Cross Section Measurement of the $^{12}$C($^{6}$Li, d)$^{16}$O Reaction and the $^{12}$C($\alpha $, $\gamma )^{16}$O Reaction

The $^{12}$C($\alpha $, $\gamma)^{16}$O reaction is a very important reaction for the understanding of the helium burning in massive stars. However, despite many experimental studies, the low-energy cross-section of the $^{12}$C($\alpha $, $\gamma )^{16}$O reaction remains highly uncertain. In view of the importance of $^{12}$C($\alpha $, $\gamma )^{16}$O reaction, a new determination of the $^{12}$C($\alpha $, $\gamma )^{16}$O reaction cross-section has been performed via a measurement of the transfer reaction $^{12}$C($^{6}$Li, d)$^{16}$O at the Edwards Accelerator Laboratory at Ohio University. The differential cross-section of the $^{12}$C($^{6}$Li, d)$^{16}$O reaction has been measured to the 0$^{+}$ (6.05 MeV), 3$^{-}$ (6.13 MeV), 2$^{+}$ (6.92 MeV), and 1$^{-}$ (7.12 MeV) states of $^{16}$O with $^{6}$Li beams of 3-, 4-, and 5-MeV. The cross-section measurements were done by detecting the deuterons. The time of flight method was used to separate the different particles.   
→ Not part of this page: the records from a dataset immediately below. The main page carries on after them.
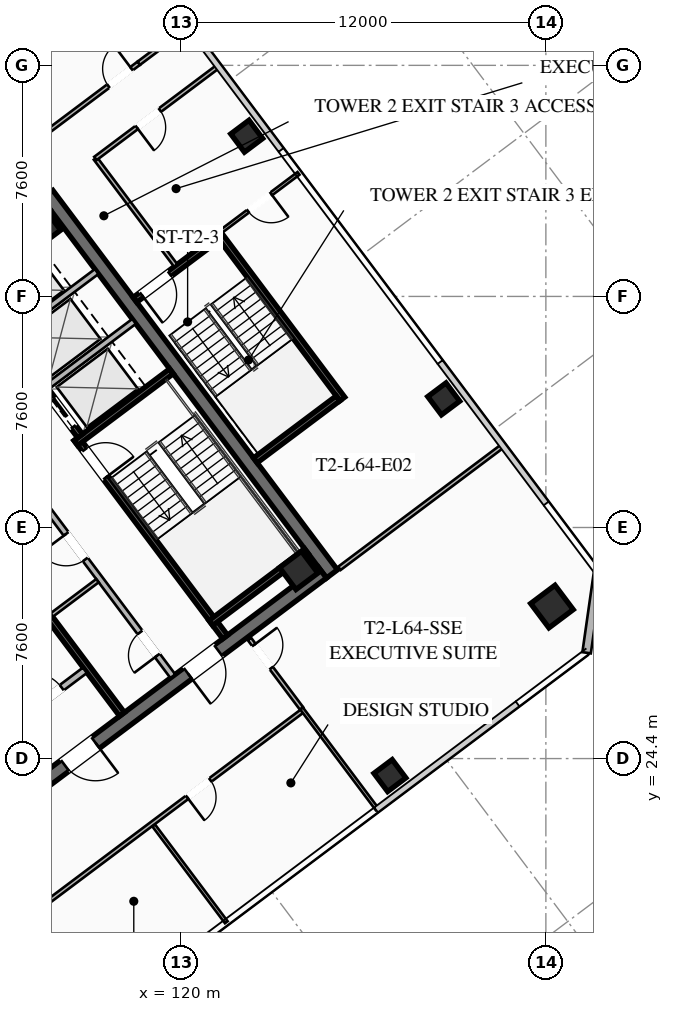
"""IFC4 building model, lengths in metres.
Left out: names, types, materials, properties, quantities, classifications, styles, units other than length and angle.
Written with IfcOpenShell. Run it as: python <this file> out.ifc"""

import sys

from ifc_helpers import new_model, si_unit, direction, frame, frame_2d, origin, origin_2d, place, context, subcontext, project, spatial, rectangle, hollow_rectangle, extrude, element, fill, save


model = new_model("IFC4")
c1 = context("Model", 3, precision=1e-05, world=origin(), true_north=direction((0.0, 1.0)))
c2 = subcontext(c1, "Body", "Model", "MODEL_VIEW")
j1 = project(units=[si_unit("LENGTHUNIT", "METRE"), si_unit("PLANEANGLEUNIT", "RADIAN")], contexts=[c1])
p1 = place(None, origin())
s1 = spatial("IfcSite", under=j1, at=p1, CompositionType="ELEMENT")
p2 = place(p1, origin())
s2 = spatial("IfcBuilding", under=s1, at=p2, CompositionType="ELEMENT")
p3 = place(p2, frame((0.0, 0.0, 236.15)))
s3 = spatial("IfcBuildingStorey", under=s2, at=p3, CompositionType="ELEMENT", Elevation=236.15)
p4 = place(p3, frame((115.604, 42.953, 0.0), z_axis=(0.0, 0.0, 1.0), x_axis=(0.600005007985, -0.799996243986, 0.0)))
e1 = element("IfcWall", 1, at=p4, inside=s3, PredefinedType="SHEAR", context=c2, shape_type="SweptSolid", body=[
    extrude(rectangle(XDim=15.6, YDim=0.45, at=frame_2d((7.8, 0.0))), origin(), (0.0, 0.0, 1.0), 3.55),
])
p5 = place(p3, frame((124.649, 30.518, 0.0), z_axis=(0.0, 0.0, 1.0), x_axis=(-0.8, -0.6, 0.0)))
e2 = element("IfcWall", 2, at=p5, inside=s3, PredefinedType="SHEAR", context=c2, shape_type="SweptSolid", body=[
    extrude(rectangle(XDim=15.26, YDim=0.45, at=frame_2d((7.63, 0.0))), origin(), (0.0, 0.0, 1.0), 3.55),
])
p6 = place(p5, frame((9.33, 0.0, 0.0)))
e3 = element("IfcOpeningElement", 3, at=p6, cuts=e2, PredefinedType="OPENING", context=c2, shape_type="SweptSolid", body=[
    extrude(rectangle(XDim=1.25, YDim=2.25, at=frame_2d((0.625, 1.125))), frame((0.0, 0.235, 0.0), z_axis=(0.0, -1.0, 0.0), x_axis=(1.0, 0.0, 0.0)), (0.0, 0.0, 1.0), 0.47),
])
p7 = place(p5, frame((4.28, 0.0, 0.0)))
e4 = element("IfcOpeningElement", 4, at=p7, cuts=e2, PredefinedType="OPENING", context=c2, shape_type="SweptSolid", body=[
    extrude(rectangle(XDim=1.25, YDim=2.25, at=frame_2d((0.625, 1.125))), frame((0.0, 0.235, 0.0), z_axis=(0.0, -1.0, 0.0), x_axis=(1.0, 0.0, 0.0)), (0.0, 0.0, 1.0), 0.47),
])
for number, where, z_axis, x_axis in (
    (5, (123.87, 30.59, 0.0), (0.0, 0.0, 1.0), (0.8, 0.6, 0.0)),
    (6, (115.41, 41.87, 0.0), (0.0, 0.0, 1.0), (0.8, 0.6, 0.0)),
):
    element("IfcColumn", number, at=place(p3, frame(where, z_axis=z_axis, x_axis=x_axis)), inside=s3, PredefinedType="COLUMN", context=c2, shape_type="SweptSolid", body=[
        extrude(hollow_rectangle(XDim=0.9, YDim=0.9, WallThickness=0.04, at=origin_2d()), origin(), (0.0, 0.0, 1.0), 3.37),
    ])
p8 = place(p3, frame((132.2, 29.4, 0.0), z_axis=(0.0, 0.0, 1.0), x_axis=(0.799999996291, 0.600000004945, 0.0)))
e7 = element("IfcColumn", 7, at=p8, inside=s3, PredefinedType="COLUMN", context=c2, shape_type="SweptSolid", body=[
    extrude(hollow_rectangle(XDim=1.0, YDim=1.0, WallThickness=0.04, at=origin_2d()), origin(), (0.0, 0.0, 1.0), 3.37),
])
for number, where, z_axis, x_axis in (
    (8, (126.87, 23.84, 0.0), (0.0, 0.0, 1.0), (0.8, 0.6, 0.0)),
    (9, (128.64, 36.23, 0.0), (0.0, 0.0, 1.0), (0.8, 0.6, 0.0)),
    (10, (122.16, 44.87, 0.0), (0.0, 0.0, 1.0), (0.8, 0.6, 0.0)),
):
    element("IfcColumn", number, at=place(p3, frame(where, z_axis=z_axis, x_axis=x_axis)), inside=s3, PredefinedType="COLUMN", context=c2, shape_type="SweptSolid", body=[
        extrude(hollow_rectangle(XDim=0.75, YDim=0.75, WallThickness=0.032, at=origin_2d()), origin(), (0.0, 0.0, 1.0), 3.37),
    ])
p9 = place(p3, frame((133.72, 30.54, 0.0), z_axis=(0.0, 0.0, 1.0), x_axis=(-0.141370477216, -0.989956760759, 0.0)))
e11 = element("IfcWall", 11, at=p9, inside=s3, PredefinedType="SOLIDWALL", context=c2, shape_type="SweptSolid", body=[
    extrude(rectangle(XDim=2.687, YDim=0.28, at=frame_2d((1.344, 0.0))), origin(), (0.0, 0.0, 1.0), 3.37),
])
p10 = place(p3, frame((116.56, 34.92, 0.0), z_axis=(0.0, 0.0, 1.0), x_axis=(0.59999041401, -0.800007189403, 0.0)))
e12 = element("IfcWall", 12, at=p10, inside=s3, PredefinedType="SHEAR", context=c2, shape_type="SweptSolid", body=[
    extrude(rectangle(XDim=8.15, YDim=0.2, at=frame_2d((4.075, 0.0))), origin(), (0.0, 0.0, 1.0), 3.37),
])
p11 = place(p10, frame((0.45, 0.0, 0.0)))
e13 = element("IfcOpeningElement", 13, at=p11, cuts=e12, PredefinedType="OPENING", context=c2, shape_type="SweptSolid", body=[
    extrude(rectangle(XDim=1.15, YDim=2.2, at=frame_2d((0.575, 1.1))), frame((0.0, 0.11, 0.0), z_axis=(0.0, -1.0, 0.0), x_axis=(1.0, 0.0, 0.0)), (0.0, 0.0, 1.0), 0.22),
])
for number, where, z_axis, x_axis in (
    (14, (116.54, 34.78, 0.0), (0.0, 0.0, 1.0), (0.8, 0.6, 0.0)),
    (15, (120.98, 28.86, 0.0), (0.0, 0.0, 1.0), (0.8, 0.6, 0.0)),
):
    element("IfcWall", number, at=place(p3, frame(where, z_axis=z_axis, x_axis=x_axis)), inside=s3, PredefinedType="SHEAR", context=c2, shape_type="SweptSolid", body=[
        extrude(rectangle(XDim=3.93, YDim=0.2, at=frame_2d((1.965, 0.0))), origin(), (0.0, 0.0, 1.0), 3.37),
    ])
p12 = place(p3, frame((118.058, 25.856, 0.0), z_axis=(0.0, 0.0, 1.0), x_axis=(-0.600002657301, 0.799998007018, 0.0)))
e16 = element("IfcWall", 16, at=p12, inside=s3, PredefinedType="SHEAR", context=c2, shape_type="SweptSolid", body=[
    extrude(rectangle(XDim=14.7, YDim=0.2, at=frame_2d((7.35, 0.0))), origin(), (0.0, 0.0, 1.0), 3.37),
])
p13 = place(p3, frame((114.316, 25.412, 0.0), z_axis=(0.0, 0.0, 1.0), x_axis=(0.800018601094, 0.59997519774, 0.0)))
e17 = element("IfcWall", 17, at=p13, inside=s3, PredefinedType="SOLIDWALL", context=c2, shape_type="SweptSolid", body=[
    extrude(rectangle(XDim=3.15, YDim=0.22, at=frame_2d((1.575, 0.0))), origin(), (0.0, 0.0, 1.0), 2.723),
])
p14 = place(p13, frame((0.95, 0.0, 0.0)))
e18 = element("IfcOpeningElement", 18, at=p14, cuts=e17, PredefinedType="OPENING", context=c2, shape_type="SweptSolid", body=[
    extrude(rectangle(XDim=1.25, YDim=2.25, at=frame_2d((0.625, 1.125))), frame((0.0, 0.12, 0.0), z_axis=(0.0, -1.0, 0.0), x_axis=(1.0, 0.0, 0.0)), (0.0, 0.0, 1.0), 0.24),
])
p15 = place(p3, frame((112.75, 40.25, 0.0), z_axis=(0.0, 0.0, 1.0), x_axis=(0.599994036198, -0.800004472816, 0.0)))
e19 = element("IfcWall", 19, at=p15, inside=s3, PredefinedType="SHEAR", context=c2, shape_type="SweptSolid", body=[
    extrude(rectangle(XDim=6.55, YDim=0.2, at=frame_2d((3.275, 0.0))), origin(), (0.0, 0.0, 1.0), 3.37),
])
p16 = place(p15, frame((5.075, 0.0, 0.0)))
e20 = element("IfcOpeningElement", 20, at=p16, cuts=e19, PredefinedType="OPENING", context=c2, shape_type="SweptSolid", body=[
    extrude(rectangle(XDim=1.1, YDim=2.2, at=frame_2d((0.55, 1.1))), frame((0.0, 0.11, 0.0), z_axis=(0.0, -1.0, 0.0), x_axis=(1.0, 0.0, 0.0)), (0.0, 0.0, 1.0), 0.22),
])
p17 = place(p15, frame((3.025, 0.0, 0.0)))
e21 = element("IfcOpeningElement", 21, at=p17, cuts=e19, PredefinedType="OPENING", context=c2, shape_type="SweptSolid", body=[
    extrude(rectangle(XDim=1.1, YDim=2.2, at=frame_2d((0.55, 1.1))), frame((0.0, 0.11, 0.0), z_axis=(0.0, -1.0, 0.0), x_axis=(1.0, 0.0, 0.0)), (0.0, 0.0, 1.0), 0.22),
])
p18 = place(p15, frame((1.025, 0.0, 0.0)))
e22 = element("IfcOpeningElement", 22, at=p18, cuts=e19, PredefinedType="OPENING", context=c2, shape_type="SweptSolid", body=[
    extrude(rectangle(XDim=1.1, YDim=2.2, at=frame_2d((0.55, 1.1))), frame((0.0, 0.11, 0.0), z_axis=(0.0, -1.0, 0.0), x_axis=(1.0, 0.0, 0.0)), (0.0, 0.0, 1.0), 0.22),
])
for number, where, z_axis, x_axis in (
    (23, (115.59, 36.63, 0.0), (0.0, 0.0, 1.0), (0.8, 0.6, 0.0)),
    (24, (114.36, 38.27, 0.0), (0.0, 0.0, 1.0), (0.8, 0.6, 0.0)),
):
    element("IfcWall", number, at=place(p3, frame(where, z_axis=z_axis, x_axis=x_axis)), inside=s3, PredefinedType="SOLIDWALL", context=c2, shape_type="SweptSolid", body=[
        extrude(rectangle(XDim=3.58, YDim=0.2, at=frame_2d((1.79, 0.0))), origin(), (0.0, 0.0, 1.0), 3.37),
    ])
p19 = place(p3, frame((119.73, 27.11, 0.0), z_axis=(0.0, 0.0, 1.0), x_axis=(-0.600005580459, 0.799995814625, 0.0)))
e25 = element("IfcWall", 25, at=p19, inside=s3, PredefinedType="SOLIDWALL", context=c2, shape_type="SweptSolid", body=[
    extrude(rectangle(XDim=7.0, YDim=0.2, at=frame_2d((3.5, 0.0))), origin(), (0.0, 0.0, 1.0), 2.723),
])
p20 = place(p19, frame((0.85, 0.0, 0.0)))
e26 = element("IfcOpeningElement", 26, at=p20, cuts=e25, PredefinedType="OPENING", context=c2, shape_type="SweptSolid", body=[
    extrude(rectangle(XDim=0.95, YDim=2.05, at=frame_2d((0.475, 1.025))), frame((0.0, 0.11, 0.0), z_axis=(0.0, -1.0, 0.0), x_axis=(1.0, 0.0, 0.0)), (0.0, 0.0, 1.0), 0.22),
])
p21 = place(p19, frame((4.8, 0.0, 0.0)))
e27 = element("IfcOpeningElement", 27, at=p21, cuts=e25, PredefinedType="OPENING", context=c2, shape_type="SweptSolid", body=[
    extrude(rectangle(XDim=1.05, YDim=2.2, at=frame_2d((0.525, 1.1))), frame((0.0, 0.11, 0.0), z_axis=(0.0, -1.0, 0.0), x_axis=(1.0, 0.0, 0.0)), (0.0, 0.0, 1.0), 0.22),
])
p22 = place(p3, frame((115.746, 29.122, 0.0), z_axis=(0.0, 0.0, 1.0), x_axis=(0.8, 0.6, 0.0)))
e28 = element("IfcWall", 28, at=p22, inside=s3, PredefinedType="PARTITIONING", context=c2, shape_type="SweptSolid", body=[
    extrude(rectangle(XDim=1.88, YDim=0.135, at=frame_2d((0.94, 0.0))), origin(), (0.0, 0.0, 1.0), 2.723),
])
p23 = place(p3, frame((125.304, 36.228, 0.0), z_axis=(0.0, 0.0, 1.0), x_axis=(-0.59998851072, 0.800008616831, 0.0)))
e29 = element("IfcWall", 29, at=p23, inside=s3, PredefinedType="SHEAR", context=c2, shape_type="SweptSolid", body=[
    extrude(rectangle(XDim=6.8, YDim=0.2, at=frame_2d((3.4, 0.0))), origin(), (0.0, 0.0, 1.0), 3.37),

$^{25}$Na studied in the $^{9}$Be($^{18}$O,pn) reaction

$^{25}$Na was produced via the $^{9}$Be($^{18}$O,pn) reaction which favored the production of higher spin states. Three new states have been discovered as well as ten new gamma rays and a doublet of states has been resolved through high resolution gamma ray spectroscopy. Observed states have been analyzed using the Doppler shift attenuation method and angular distributions of the gamma decays have been measured leading to new spin assignments. Experimental results have been compared to theoretical results from the Cosmo shell-model code.